Cuando los disparos empezaron a escucharse en el valle, los vecinos, aterrados, se encerraron en sus casas. Unos 200 hombres armados, según un testigo, saquearon una gasolinera. De pronto, otros tantos pistoleros de un grupo contrario los emboscó y la balacera duró horas, lo cual hizo presagiar lo peor.
Las autoridades tardaron un día en llegar y levantaron 18 cadáveres en San Juan Capistrano, una pequeña comunidad del municipio de Valparaíso, en Zacatecas, lugar estratégico para el tráfico de drogas y de armas, ahora disputado por los dos cárteles más poderosos del país: el Cártel de Sinaloa y el Cártel Jalisco Nueva Generación (CJNG).
El enfrentamiento del 24 de junio puso a Zacatecas ante los reflectores del país, aunque un mes después no hay claridad sobre el número de muertos. Tampoco hay detenidos. Las fuerzas armadas reforzaron su presencia, pero continúan las balaceras y los muertos por todo el estado: un médico aquí, un policía allá, una familia descuartizada, ocho asesinados en una fiesta, dos niñas baleadas con sus padres.

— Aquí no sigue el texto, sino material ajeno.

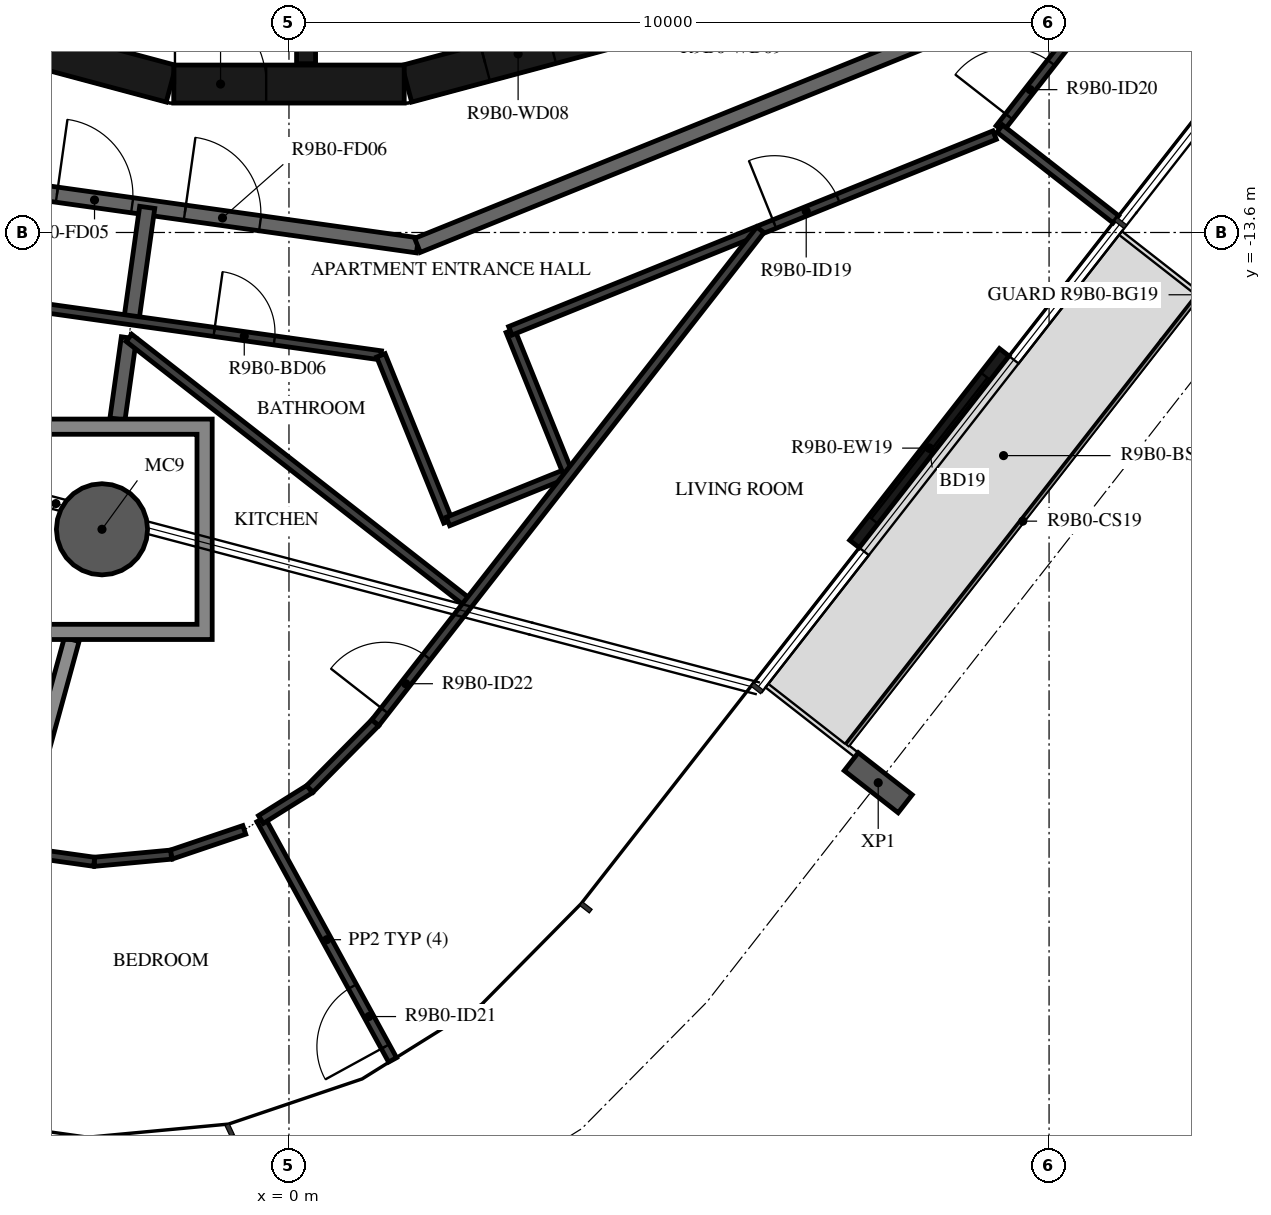
"""IFC4 building model, lengths in metres.
Left out: names, types, materials, properties, quantities, classifications, styles, units other than length and angle.
Written with IfcOpenShell. Run it as: python <this file> out.ifc"""

import sys

from ifc_helpers import new_model, si_unit, direction, frame, frame_2d, origin, origin_2d, place, context, subcontext, project, spatial, polyline, rectangle, hollow_circle, i_section, outline, extrude, element, fill, save


model = new_model("IFC4")
c1 = context("Model", 3, precision=1e-05, world=origin(), true_north=direction((0.0, 1.0)))
c2 = subcontext(c1, "Body", "Model", "MODEL_VIEW")
j1 = project(units=[si_unit("LENGTHUNIT", "METRE"), si_unit("PLANEANGLEUNIT", "RADIAN")], contexts=[c1])
p1 = place(None, origin())
s1 = spatial("IfcSite", under=j1, at=p1, CompositionType="ELEMENT")
p2 = place(p1, origin())
s2 = spatial("IfcBuilding", under=s1, at=p2, CompositionType="ELEMENT")
p3 = place(p2, frame((0.0, 0.0, 347.0)))
s3 = spatial("IfcBuildingStorey", under=s2, at=p3, CompositionType="ELEMENT", Elevation=347.0)
p4 = place(p3, frame((-2.46, -17.505, -0.38), z_axis=(0.0, 0.0, 1.0), x_axis=(1.0, 0.0, 0.0)))
e1 = element("IfcColumn", 1, at=p4, inside=s3, PredefinedType="COLUMN", context=c2, shape_type="SweptSolid", body=[
    extrude(hollow_circle(Radius=0.6, WallThickness=0.03, at=origin_2d()), origin(), (0.0, 0.0, 1.0), 3.5),
])
p5 = place(p3, frame((7.752, -20.839, -0.38), z_axis=(0.0, 0.0, 1.0), x_axis=(-0.615661060634, -0.788011077599, 0.0)))
e2 = element("IfcColumn", 2, at=p5, inside=s3, PredefinedType="COLUMN", context=c2, shape_type="SweptSolid", body=[
    extrude(i_section(OverallWidth=0.3, OverallDepth=0.9, WebThickness=0.019, FlangeThickness=0.035, FilletRadius=0.03, at=origin_2d()), origin(), (0.0, 0.0, 1.0), 3.5),
])
p6 = place(p3, frame((7.44, -17.698, 0.0), z_axis=(0.0, 0.0, 1.0), x_axis=(0.615666248856, 0.788007024093, 0.0)))
e3 = element("IfcWall", 3, at=p6, inside=s3, PredefinedType="STANDARD", context=c2, shape_type="SweptSolid", body=[
    extrude(rectangle(XDim=3.2, YDim=0.16, at=frame_2d((1.6, 0.0))), origin(), (0.0, 0.0, 1.0), 3.12),
])
p7 = place(p6, frame((0.4, 0.0, 0.0)))
e4 = element("IfcOpeningElement", 4, at=p7, cuts=e3, PredefinedType="OPENING", context=c2, shape_type="SweptSolid", body=[
    extrude(rectangle(XDim=2.4, YDim=2.4, at=frame_2d((1.2, 1.2))), frame((0.0, 0.09, 0.0), z_axis=(0.0, -1.0, 0.0), x_axis=(1.0, 0.0, 0.0)), (0.0, 0.0, 1.0), 0.18),
])
p8 = place(p3, frame((1.55, -11.643, 0.0), z_axis=(0.0, 0.0, 1.0), x_axis=(0.965948410781, 0.258734743916, 0.0)))
e5 = element("IfcWall", 5, at=p8, inside=s3, PredefinedType="SHEAR", context=c2, shape_type="SweptSolid", body=[
    extrude(rectangle(XDim=3.033, YDim=0.5, at=frame_2d((1.516, 0.0))), origin(), (0.0, 0.0, 1.0), 3.12),
])
p9 = place(p8, frame((1.066, 0.0, 0.0)))
e6 = element("IfcOpeningElement", 6, at=p9, cuts=e5, PredefinedType="OPENING", context=c2, shape_type="SweptSolid", body=[
    extrude(rectangle(XDim=0.9, YDim=2.1, at=frame_2d((0.45, 1.05))), frame((0.0, 0.26, 0.0), z_axis=(0.0, -1.0, 0.0), x_axis=(1.0, 0.0, 0.0)), (0.0, 0.0, 1.0), 0.52),
])
p10 = place(p3, frame((-4.479, -10.858, 0.0), z_axis=(0.0, 0.0, 1.0), x_axis=(0.965948410781, -0.258734743916, 0.0)))
e7 = element("IfcWall", 7, at=p10, inside=s3, PredefinedType="SHEAR", context=c2, shape_type="SweptSolid", body=[
    extrude(rectangle(XDim=3.033, YDim=0.5, at=frame_2d((1.516, 0.0))), origin(), (0.0, 0.0, 1.0), 3.12),
])
p11 = place(p3, frame((-1.516, -11.647, 0.0), z_axis=(0.0, 0.0, 1.0), x_axis=(1.0, 0.0, 0.0)))
e8 = element("IfcWall", 8, at=p11, inside=s3, PredefinedType="SHEAR", context=c2, shape_type="SweptSolid", body=[
    extrude(rectangle(XDim=3.033, YDim=0.5, at=frame_2d((1.516, 0.0))), origin(), (0.0, 0.0, 1.0), 3.12),
])
p12 = place(p11, frame((0.016, 0.0, 0.0)))
e9 = element("IfcOpeningElement", 9, at=p12, cuts=e8, PredefinedType="OPENING", context=c2, shape_type="SweptSolid", body=[
    extrude(rectangle(XDim=1.2, YDim=2.1, at=frame_2d((0.6, 1.05))), frame((0.0, 0.26, 0.0), z_axis=(0.0, -1.0, 0.0), x_axis=(1.0, 0.0, 0.0)), (0.0, 0.0, 1.0), 0.52),
])
p13 = place(p3, frame((0.225, -8.97, 0.0), z_axis=(0.0, 0.0, 1.0), x_axis=(0.0, -1.0, 0.0)))
e10 = element("IfcWall", 10, at=p13, inside=s3, PredefinedType="SHEAR", context=c2, shape_type="SweptSolid", body=[
    extrude(rectangle(XDim=2.41, YDim=0.25, at=frame_2d((1.205, 0.0))), origin(), (0.0, 0.0, 1.0), 3.12),
])
p14 = place(p3, frame((-5.42, -12.77, 0.0), z_axis=(0.0, 0.0, 1.0), x_axis=(0.990270565508, -0.139155334385, 0.0)))
e11 = element("IfcWall", 11, at=p14, inside=s3, PredefinedType="STANDARD", context=c2, shape_type="SweptSolid", body=[
    extrude(rectangle(XDim=7.181, YDim=0.2, at=frame_2d((3.59, 0.0))), origin(), (0.0, 0.0, 1.0), 3.12),
])
p15 = place(p14, frame((2.39, 0.0, 0.0)))
e12 = element("IfcOpeningElement", 12, at=p15, cuts=e11, PredefinedType="OPENING", context=c2, shape_type="SweptSolid", body=[
    extrude(rectangle(XDim=1.0, YDim=2.1, at=frame_2d((0.5, 1.05))), frame((0.0, 0.11, 0.0), z_axis=(0.0, -1.0, 0.0), x_axis=(1.0, 0.0, 0.0)), (0.0, 0.0, 1.0), 0.22),
])
p16 = place(p14, frame((4.091, 0.0, 0.0)))
e13 = element("IfcOpeningElement", 13, at=p16, cuts=e11, PredefinedType="OPENING", context=c2, shape_type="SweptSolid", body=[
    extrude(rectangle(XDim=1.0, YDim=2.1, at=frame_2d((0.5, 1.05))), frame((0.0, 0.11, 0.0), z_axis=(0.0, -1.0, 0.0), x_axis=(1.0, 0.0, 0.0)), (0.0, 0.0, 1.0), 0.22),
])
p17 = place(p3, frame((1.691, -13.769, 0.0), z_axis=(0.0, 0.0, 1.0), x_axis=(0.92717916932, 0.374618189599, 0.0)))
e14 = element("IfcWall", 14, at=p17, inside=s3, PredefinedType="STANDARD", context=c2, shape_type="SweptSolid", body=[
    extrude(rectangle(XDim=7.181, YDim=0.2, at=frame_2d((3.591, 0.0))), origin(), (0.0, 0.0, 1.0), 3.12),
])
p18 = place(p3, frame((-2.073, -14.755, 0.0), z_axis=(0.0, 0.0, 1.0), x_axis=(0.139005431033, 0.990291618738, 0.0)))
e15 = element("IfcWall", 15, at=p18, inside=s3, PredefinedType="STANDARD", context=c2, shape_type="SweptSolid", body=[
    extrude(rectangle(XDim=1.5, YDim=0.2, at=frame_2d((0.75, 0.0))), origin(), (0.0, 0.0, 1.0), 3.12),
])
p19 = place(p3, frame((-2.256, -16.055, 0.0), z_axis=(0.0, 0.0, 1.0), x_axis=(0.139109268657, 0.990277037689, 0.0)))
e16 = element("IfcWall", 16, at=p19, inside=s3, PredefinedType="STANDARD", context=c2, shape_type="SweptSolid", body=[
    extrude(rectangle(XDim=1.079, YDim=0.2, at=frame_2d((0.54, 0.0))), origin(), (0.0, 0.0, 1.0), 3.12),
])
p20 = place(p3, frame((-4.574, -25.21, 0.0), z_axis=(0.0, 0.0, 1.0), x_axis=(0.264579024648, 0.964364007892, 0.0)))
e17 = element("IfcWall", 17, at=p20, inside=s3, PredefinedType="STANDARD", context=c2, shape_type="SweptSolid", body=[
    extrude(rectangle(XDim=6.486, YDim=0.2, at=frame_2d((3.243, 0.0))), origin(), (0.0, 0.0, 1.0), 2.73),
])
p21 = place(p3, frame((-6.027, -14.199, 0.0), z_axis=(0.0, 0.0, 1.0), x_axis=(0.990271617837, -0.139147845494, 0.0)))
e18 = element("IfcWall", 18, at=p21, inside=s3, PredefinedType="PARTITIONING", context=c2, shape_type="SweptSolid", body=[
    extrude(rectangle(XDim=7.308, YDim=0.12, at=frame_2d((3.654, 0.0))), origin(), (0.0, 0.0, 1.0), 3.12),
])
p22 = place(p21, frame((5.093, 0.0, 0.0)))
e19 = element("IfcOpeningElement", 19, at=p22, cuts=e18, PredefinedType="OPENING", context=c2, shape_type="SweptSolid", body=[
    extrude(rectangle(XDim=0.8, YDim=2.1, at=frame_2d((0.4, 1.05))), frame((0.0, 0.07, 0.0), z_axis=(0.0, -1.0, 0.0), x_axis=(1.0, 0.0, 0.0)), (0.0, 0.0, 1.0), 0.14),
])
p23 = place(p3, frame((1.209, -15.216, 0.0), z_axis=(0.0, 0.0, 1.0), x_axis=(0.374531550488, -0.927214170345, 0.0)))
e20 = element("IfcWall", 20, at=p23, inside=s3, PredefinedType="PARTITIONING", context=c2, shape_type="SweptSolid", body=[
    extrude(rectangle(XDim=2.357, YDim=0.12, at=frame_2d((1.179, 0.0))), origin(), (0.0, 0.0, 1.0), 3.12),
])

Zacatecas es, ahora, el estado con mayor tasa de homicidios por 100 mil habitantes, según cifras oficiales. En lo que va del año hubo 746 asesinatos frente a los mil 065 de todo 2020.
Nada de esto es nuevo en un país que lleva más de una década de violencia de los cárteles, pero la situación de Zacatecas, como la de Michoacán o Tamaulipas, pone en evidencia que ni la guerra frontal contra el narco lanzada por el expresidente Felipe Calderón en 2006 ni el enfoque conciliador de “abrazos no balazos” del actual gobierno han logrado romper el círculo vicioso de violencia en el que está inmerso México.
Cambian los actores, los escenarios y las autoridades, pero no los resultados.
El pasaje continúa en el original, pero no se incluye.